Wednesday, May 30, 2012 9:00 AM

A new Walgreens (NYSE: WAG)(NASDAQ: WAG) study has found that patients starting high cholesterol (statin) medication for the first time who participated in enhanced face-to-face counseling sessions with a community pharmacist demonstrated better medication adherence than those that did not participate in the sessions. Non-adherence is an especially important issue for high cholesterol patients, as it places them at a greater risk of complications from heart disease. The study, titled The impact of pharmacist face-to-face counseling to improve medication adherence among patients initiating statin therapy, was published in April in the online journal, Patient Preference and Adherence.

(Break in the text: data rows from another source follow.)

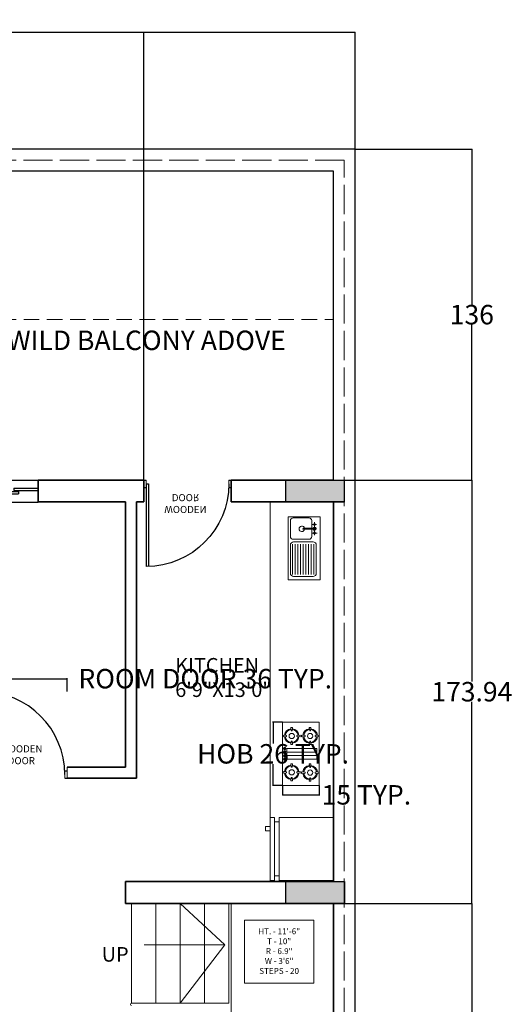
# Model space of a CAD drawing. Units: inches. Extents: x -48 to 50072, y 0 to 21068.
# Tile 56 of 75: x 415 to 618, y 819 to 1224. Entities that reach past the tile are written whole.
import ezdxf

# ---------------------------------------------------------------- set-up
doc = ezdxf.new("R2010")
doc.units = ezdxf.units.IN
doc.header["$MEASUREMENT"] = 0
doc.linetypes.add('ACAD_ISO02W100', pattern=[15, 12, -3])
doc.linetypes.add('HIDDEN', pattern=[9.525, 6.35, -3.175])
for name, color, linetype, lineweight in [('A-ANNO-DIMS', 2, 'Continuous', 18), ('A-ANNO-SYMB', 7, 'Continuous', 18), ('A-ANNO-TEXT', 7, 'Continuous', 18), ('A-AREA-IDEN', 7, 'Continuous', 18), ('A-COLS', 1, 'Continuous', 35), ('A-DOOR', 4, 'Continuous', 18), ('A-EQPM', 8, 'Continuous', 18), ('A-FLOR-CASE', 9, 'Continuous', 18), ('A-FLOR-FIXT', 4, 'Continuous', 18), ('A-FLOR-OVHD', 8, 'HIDDEN', 13), ('A-FLOR-STRS', 7, 'Continuous', 18), ('A-GLAZ', 4, 'Continuous', 18), ('A-WALL', 7, 'Continuous', 35), ('C-PROP', 7, 'Continuous', 25), ('C-PROP-REF', 32, 'ACAD_ISO02W100', 13)]:
    doc.layers.add(name, color=color, linetype=linetype, lineweight=lineweight)
doc.layers.add('Layer3', color=176, linetype='Continuous')
doc.styles.get("Standard").update_dxf_attribs({"font": 'arial.ttf'})
doc.dimstyles.get("Standard").update_dxf_attribs({"dimtxt": 8, "dimasz": 0.18, "dimexe": 0.18, "dimexo": 0.0625, "dimgap": 0.09, "dimtad": 0, "dimtih": 1, "dimtoh": 1, "dimdec": 1, "dimzin": 0, "dimdsep": 46, "dimlunit": 4, "dimtxsty": 'Standard', "dimblk": 'ARCHTICK', "dimcen": 0.09, "dimadec": 0, "dimazin": 0, "dimtfac": 1, "dimtdec": 1, "dimtofl": 0, "dimtmove": 0, "dimatfit": 3, "dimldrblk": 'ARCHTICK', "dimfxl": 1, "dimtolj": 1, "dimtzin": 0, "dimarcsym": 0})

# ---------------------------------------------------------------- blocks, each defined once
blk = doc.blocks.new('bnniku')
at = {"layer": 'Defpoints'}
h = blk.add_hatch(color=256, dxfattribs=at)
h.dxf.hatch_style = 1
h.paths.add_polyline_path([(767.55, 1114.04), (758.55, 1114.04), (758.55, 1090.04), (767.55, 1090.04)])
for p, q in [((758.55, 1114.04), (767.55, 1114.04)), ((758.55, 1090.04), (758.55, 1114.04)), ((767.55, 1114.04), (767.55, 1090.04)), ((767.55, 1090.04), (758.55, 1090.04))]:
    blk.add_line(p, q, dxfattribs=at)
blk = doc.blocks.new('jyugcli')
for p, q in [((342.02, 1025.77), (342.02, 1034.77)), ((360.02, 1025.77), (360.02, 1034.77))]:
    blk.add_line(p, q)
at = {"layer": 'Defpoints'}
for p, q in [((342.02, 1030.07), (352.02, 1030.07)), ((342.02, 1029.07), (352.02, 1029.07)), ((350.02, 1031.47), (360.02, 1031.47)), ((350.02, 1031.47), (350.02, 1030.47)), ((350.02, 1030.47), (360.02, 1030.47)), ((352.02, 1030.07), (352.02, 1029.07))]:
    blk.add_line(p, q, dxfattribs=at)
at = {"layer": 'Layer3'}
for p, q in [((342.02, 1034.77), (360.02, 1034.77)), ((342.02, 1025.77), (360.02, 1025.77))]:
    blk.add_line(p, q, dxfattribs=at)
blk = doc.blocks.new('BKUHJKKUG')
at = {"layer": 'Defpoints'}
for p, q in [((179.52, 862.77), (179.52, 896.77)), ((180.52, 862.77), (180.52, 896.76)), ((179.52, 862.77), (180.52, 862.77))]:
    blk.add_line(p, q, dxfattribs=at)
blk.add_arc((179.52, 862.77), 34, 0, 90, dxfattribs=at)
at = {"insert": (190.84, 874.8), "char_height": 2.9183, "attachment_point": 1}
blk.add_mtext_dynamic_manual_height_columns('\\pxqc;WOODEN ^JDOOR', width=9.6242, gutter_width=14.59, heights=[0], dxfattribs=at)
blk = doc.blocks.new('yfhjudru')
for p, q in [((399.02, 912.27), (399.02, 916.77)), ((400.02, 912.27), (400.02, 915.27)), ((434.02, 912.27), (434.02, 915.27)), ((435.02, 912.27), (435.02, 916.77))]:
    blk.add_line(p, q)
at = {"layer": 'Defpoints'}
for p, q in [((399.02, 915.27), (400.02, 915.27)), ((434.02, 915.27), (435.02, 915.27)), ((399.02, 912.27), (400.02, 912.27)), ((434.02, 912.27), (435.02, 912.27))]:
    blk.add_line(p, q, dxfattribs=at)
blk.add_blockref('BKUHJKKUG', (220.5, 51), dxfattribs=at)
blk = doc.blocks.new('A$C593E77E4')
for p, q in [((0, 0), (0, 0.911)), ((0, 0.911), (1.781, 0.911)), ((1.781, 0), (1.781, 0.911)), ((0.03, 0.593), (0.03, 0.141)), ((0.321, 0.668), (0.105, 0.668)), ((0.279, 0.745, -0.922), (0.15, 0.745, -0.922)), ((0.216, 0.808, -0.922), (0.216, 0.672, -0.922)), ((0.321, 0.784, -0.922), (0.321, 0.434, -0.922)), ((0.349, 0.784, -0.922), (0.321, 0.784, -0.922)), ((0.349, 0.434, -0.922), (0.349, 0.784, -0.922)), ((0.555, 0.668), (0.349, 0.668)), ((0.39, 0.745, -0.922), (0.519, 0.745, -0.922)), ((0.455, 0.826, -0.922), (0.455, 0.689, -0.922)), ((0.63, 0.141), (0.63, 0.593)), ((0.705, 0.706), (0.705, 0.158)), ((0.772, 0.729, 1.373), (1.625, 0.729, 1.373)), ((0.772, 0.654, 1.373), (1.625, 0.654, 1.373)), ((0.772, 0.579, 1.373), (1.625, 0.579, 1.373)), ((1.588, 0.797), (0.797, 0.797)), ((1.68, 0.158), (1.68, 0.706)), ((0.772, 0.504, 1.373), (1.625, 0.504, 1.373)), ((0.772, 0.429, 1.373), (1.625, 0.429, 1.373)), ((0.772, 0.354, 1.373), (1.625, 0.354, 1.373)), ((0.772, 0.279, 1.373), (1.625, 0.279, 1.373)), ((0.105, 0.066), (0.555, 0.066)), ((0.772, 0.204, 1.373), (1.625, 0.204, 1.373)), ((0.772, 0.129, 1.373), (1.625, 0.129, 1.373)), ((0.797, 0.066), (1.588, 0.066)), ((1.781, 0), (0, 0))]:
    blk.add_line(p, q)
for centre in [(0.216, 0.745, -0.922), (0.454, 0.745, -0.922)]:
    blk.add_circle(centre, 0.0299)
for centre, radius, start, end in [((0.105, 0.593), 0.075, 90, 180), ((0.333, 0.75, -0.922), 0.0447, 290.1713, 253.9866), ((0.555, 0.593), 0.075, 0, 90), ((0.797, 0.706), 0.0919, 90, 180), ((1.588, 0.706), 0.0919, 0, 90), ((0.336, 0.387, 0.688), 0.0774, 101.239, 83.3158), ((0.335, 0.435, -0.922), 0.0139, 185.1203, 354.8797), ((0.105, 0.141), 0.075, 180, 270), ((0.555, 0.141), 0.075, 270, 0), ((0.797, 0.158), 0.0919, 180, 270), ((1.588, 0.158), 0.0919, 270, 0)]:
    blk.add_arc(centre, radius, start, end)
blk = doc.blocks.new('A$C57CF26DA')
for p, q in [((0, 0), (0, 420)), ((720, 420), (0, 420)), ((167, 413), (147, 413)), ((147, 413), (152, 373)), ((152, 373), (162, 373)), ((162, 373), (167, 413)), ((300, 391), (300, 49)), ((300, 391), (420, 391)), ((340, 391), (340, 49)), ((380, 391), (380, 49)), ((420, 391), (420, 49)), ((584, 413), (564, 413)), ((564, 413), (569, 373)), ((569, 373), (579, 373)), ((579, 373), (584, 413)), ((720, 0), (720, 420)), ((99, 320), (59, 325)), ((59, 325), (59, 305)), ((59, 305), (99, 310)), ((99, 310), (99, 320)), ((152, 257), (147, 217)), ((162, 257), (152, 257)), ((167, 217), (162, 257)), ((255, 325), (215, 320)), ((215, 320), (215, 310)), ((215, 310), (255, 305)), ((255, 305), (255, 325)), ((516, 320), (476, 325)), ((476, 325), (476, 305)), ((476, 305), (516, 310)), ((516, 310), (516, 320)), ((569, 257), (564, 217)), ((579, 257), (569, 257)), ((584, 217), (579, 257)), ((672, 325), (632, 320)), ((632, 320), (632, 310)), ((632, 310), (672, 305)), ((672, 305), (672, 325)), ((99, 110), (59, 115)), ((59, 115), (59, 95)), ((147, 217), (167, 217)), ((167, 203), (147, 203)), ((147, 203), (152, 163)), ((152, 163), (162, 163)), ((162, 163), (167, 203)), ((255, 115), (215, 110)), ((255, 95), (255, 115)), ((513, 110), (473, 115)), ((473, 115), (473, 95)), ((581, 203), (561, 203)), ((561, 203), (566, 163)), ((564, 217), (584, 217)), ((566, 163), (576, 163)), ((576, 163), (581, 203)), ((669, 115), (629, 110)), ((669, 95), (669, 115)), ((59, 95), (99, 100)), ((99, 100), (99, 110)), ((152, 47), (147, 7)), ((147, 7), (167, 7)), ((162, 47), (152, 47)), ((167, 7), (162, 47)), ((215, 110), (215, 100)), ((215, 100), (255, 95)), ((302, 39), (295, 39)), ((295, 39), (295, 11)), ((295, 11), (302, 11)), ((420, 49), (300, 49)), ((302, 11), (302, 39)), ((341, 39), (334, 39)), ((334, 39), (334, 11)), ((334, 11), (341, 11)), ((341, 11), (341, 39)), ((380, 11), (380, 39)), ((380, 39), (386, 39)), ((386, 11), (380, 11)), ((386, 39), (386, 11)), ((419, 11), (419, 39)), ((419, 39), (426, 39)), ((426, 11), (419, 11)), ((426, 39), (426, 11)), ((473, 95), (513, 100)), ((513, 100), (513, 110)), ((566, 47), (561, 7)), ((561, 7), (581, 7)), ((576, 47), (566, 47)), ((581, 7), (576, 47)), ((629, 110), (629, 100)), ((629, 100), (669, 95)), ((720, 0), (0, 0))]:
    blk.add_line(p, q)
for centre in [(157, 315), (574, 315), (157, 105), (571, 105)]:
    blk.add_circle(centre, 30)
for centre, radius, start, end in [((157, 315), 83, 95.5849, 174.4151), ((157, 315), 73, 95.3738, 174.6262), ((157, 315), 73, 5.3738, 84.6262), ((157, 315), 83, 5.5849, 84.4151), ((574, 315), 83, 95.5849, 174.4151), ((574, 315), 73, 95.3738, 174.6262), ((574, 315), 73, 5.3738, 84.6262), ((574, 315), 83, 5.5849, 84.4151), ((157, 315), 83, 185.5849, 264.4151), ((157, 315), 73, 185.3738, 264.6262), ((157, 315), 73, 275.3738, 354.6262), ((157, 315), 83, 275.5849, 354.4151), ((574, 315), 83, 185.5849, 264.4151), ((574, 315), 73, 185.3738, 264.6262), ((574, 315), 73, 275.3738, 354.6262), ((574, 315), 83, 275.5849, 354.4151), ((157, 105), 83, 95.5849, 174.4151), ((157, 105), 73, 95.3738, 174.6262), ((157, 105), 73, 5.3738, 84.6262), ((157, 105), 83, 5.5849, 84.4151), ((571, 105), 83, 95.5849, 174.4151), ((571, 105), 73, 95.3738, 174.6262), ((571, 105), 73, 5.3738, 84.6262), ((571, 105), 83, 5.5849, 84.4151), ((157, 105), 83, 185.5849, 264.4151), ((157, 105), 73, 185.3738, 264.6262), ((157, 105), 73, 275.3738, 354.6262), ((157, 105), 83, 275.5849, 354.4151), ((298, 25), 13.7, 104.4775, 255.5225), ((298, 25), 13.7, 284.4775, 75.5225), ((337, 25), 13.7, 104.4775, 255.5225), ((337, 25), 13.7, 284.4775, 75.5225), ((383, 25), 13.7, 104.4775, 255.5225), ((383, 25), 13.7, 284.4775, 75.5225), ((422, 25), 13.7, 104.4775, 255.5225), ((422, 25), 13.7, 284.4775, 75.5225), ((571, 105), 83, 185.5849, 264.4151), ((571, 105), 73, 185.3738, 264.6262), ((571, 105), 73, 275.3738, 354.6262), ((571, 105), 83, 275.5849, 354.4151)]:
    blk.add_arc(centre, radius, start, end)
blk = doc.blocks.new('REFRI-00')
for points in [[(-0.35, 0.35), (-0.35, -0.25), (0.35, -0.25), (0.35, 0.35), (-0.35, 0.35)], [(-0.35, -0.3), (-0.35, -0.35), (0.35, -0.35), (0.35, -0.3), (-0.35, -0.3)], [(-0.3, -0.3), (-0.3, -0.25)], [(0.3, -0.3), (0.3, -0.25)], [(-0.25, -0.35), (-0.25, -0.4), (-0.2, -0.4), (-0.2, -0.35)]]:
    blk.add_lwpolyline(points)
blk = doc.blocks.new('_ArchTick')
at = {"color": 0, "linetype": 'ByBlock', "const_width": 0.15}
blk.add_lwpolyline([(-0.5, -0.5), (0.5, 0.5)], dxfattribs=at)
blk = doc.blocks.new('*D64')
at = {"layer": 'A-ANNO-DIMS', "color": 0, "lineweight": -2, "transparency": 16777216}
for p, q in [((399.02, 947.84), (399.02, 953.35)), ((399.02, 953.17), (435.02, 953.17)), ((435.02, 947.84), (435.02, 953.35)), ((435.02, 953.17), (435.2, 953.17))]:
    blk.add_line(p, q, dxfattribs=at)
at = {"layer": 'Defpoints', "color": 0, "transparency": 16777216}
for p in [(435.02, 953.17), (399.02, 947.77), (435.02, 947.77)]:
    blk.add_point(p, dxfattribs=at)
at = {"layer": 'A-ANNO-DIMS', "color": 0, "lineweight": -2, "transparency": 16777216, "xscale": 0.18, "yscale": 0.18, "zscale": 0.18, "rotation": 180}
blk.add_blockref('_ArchTick', (399.02, 953.17), dxfattribs=at)
at = {"layer": 'A-ANNO-DIMS', "color": 0, "lineweight": -2, "transparency": 16777216, "xscale": 0.18, "yscale": 0.18, "zscale": 0.18}
blk.add_blockref('_ArchTick', (435.02, 953.17), dxfattribs=at)
at = {"layer": 'A-ANNO-DIMS', "color": 0, "transparency": 16777216, "insert": (491.8, 953.17), "char_height": 8, "attachment_point": 5}
blk.add_mtext('\\A1;ROOM DOOR 36 TYP.', dxfattribs=at)
blk = doc.blocks.new('*D90')
at = {"layer": 'A-ANNO-DIMS', "color": 0, "lineweight": -2, "transparency": 16777216}
for p, q in [((523.53, 935.26), (519.52, 935.26)), ((519.7, 935.26), (519.7, 926.52)), ((519.7, 909.32), (519.7, 918.06)), ((523.53, 909.32), (519.52, 909.32))]:
    blk.add_line(p, q, dxfattribs=at)
at = {"layer": 'Defpoints', "color": 0, "transparency": 16777216}
for p in [(523.59, 935.26), (519.7, 909.32), (523.59, 909.32)]:
    blk.add_point(p, dxfattribs=at)
at = {"layer": 'A-ANNO-DIMS', "color": 0, "lineweight": -2, "transparency": 16777216, "xscale": 0.18, "yscale": 0.18, "zscale": 0.18}
for p, rotation in [((519.7, 935.26), 90), ((519.7, 909.32), 270)]:
    blk.add_blockref('_ArchTick', p, dxfattribs=dict(at, rotation=rotation))
at = {"layer": 'A-ANNO-DIMS', "color": 0, "transparency": 16777216, "insert": (519.7, 922.29), "char_height": 8, "attachment_point": 5}
blk.add_mtext('\\A1;HOB 26 TYP.', dxfattribs=at)
blk = doc.blocks.new('*D91')
at = {"layer": 'A-ANNO-DIMS', "color": 0, "lineweight": -2, "transparency": 16777216}
for p, q in [((523.59, 909.26), (523.59, 905.25)), ((538.73, 909.26), (538.73, 905.25)), ((523.59, 905.43), (538.73, 905.43)), ((538.73, 905.43), (538.91, 905.43))]:
    blk.add_line(p, q, dxfattribs=at)
at = {"layer": 'Defpoints', "color": 0, "transparency": 16777216}
for p in [(523.59, 909.32), (538.73, 909.32), (538.73, 905.43)]:
    blk.add_point(p, dxfattribs=at)
at = {"layer": 'A-ANNO-DIMS', "color": 0, "lineweight": -2, "transparency": 16777216, "xscale": 0.18, "yscale": 0.18, "zscale": 0.18, "rotation": 180}
blk.add_blockref('_ArchTick', (523.59, 905.43), dxfattribs=at)
at = {"layer": 'A-ANNO-DIMS', "color": 0, "lineweight": -2, "transparency": 16777216, "xscale": 0.18, "yscale": 0.18, "zscale": 0.18}
blk.add_blockref('_ArchTick', (538.73, 905.43), dxfattribs=at)
at = {"layer": 'A-ANNO-DIMS', "color": 0, "transparency": 16777216, "insert": (558.09, 905.43), "char_height": 8, "attachment_point": 5}
blk.add_mtext('\\A1;15 TYP.', dxfattribs=at)
blk = doc.blocks.new('*D112')
at = {"layer": 'A-ANNO-DIMS', "color": 0, "lineweight": -2, "transparency": 16777216}
for p, q in [((13.52, 1170.84), (13.52, 1218.9)), ((13.52, 1218.72), (274.6, 1218.72)), ((553.52, 1218.72), (292.43, 1218.72)), ((553.52, 1170.84), (553.52, 1218.9))]:
    blk.add_line(p, q, dxfattribs=at)
at = {"layer": 'Defpoints', "color": 0, "transparency": 16777216}
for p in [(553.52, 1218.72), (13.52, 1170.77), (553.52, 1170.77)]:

“This study demonstrates the power of face-to-face pharmacist interactions,” said Jeff Kang, MD, Walgreens senior vice president of health and wellness services and solutions. “Just two sessions focused on barriers to adherence for patients taking a new medicine for high cholesterol helped them establish a routine for adhering to their treatment. As a result, these patients potentially improved their long-term health outcomes. At Walgreens, our goal is to help our patients stay well while reducing overall health care costs and programs that address the significant issue of prescription medication non-adherence are a crucial element of this.”

To conduct the study, a group of more than 2,000 patients new to statin therapy were followed for 12 months. After inclusion and exclusion criteria were applied, the intervention group consisted of 586 patients, and the comparison group comprised 516 patients. Pharmacists trained in brief motivational interviewing conducted counseling sessions that addressed barriers to adherence for statin patients, such as perceptions of the value of the therapy, fear of side effects and simple forgetfulness or establishing a routine to take medication.

Outcomes were measured using three metrics evaluating adherence: continuous medication possession ratio (MPR), categorical MPR and medication persistency.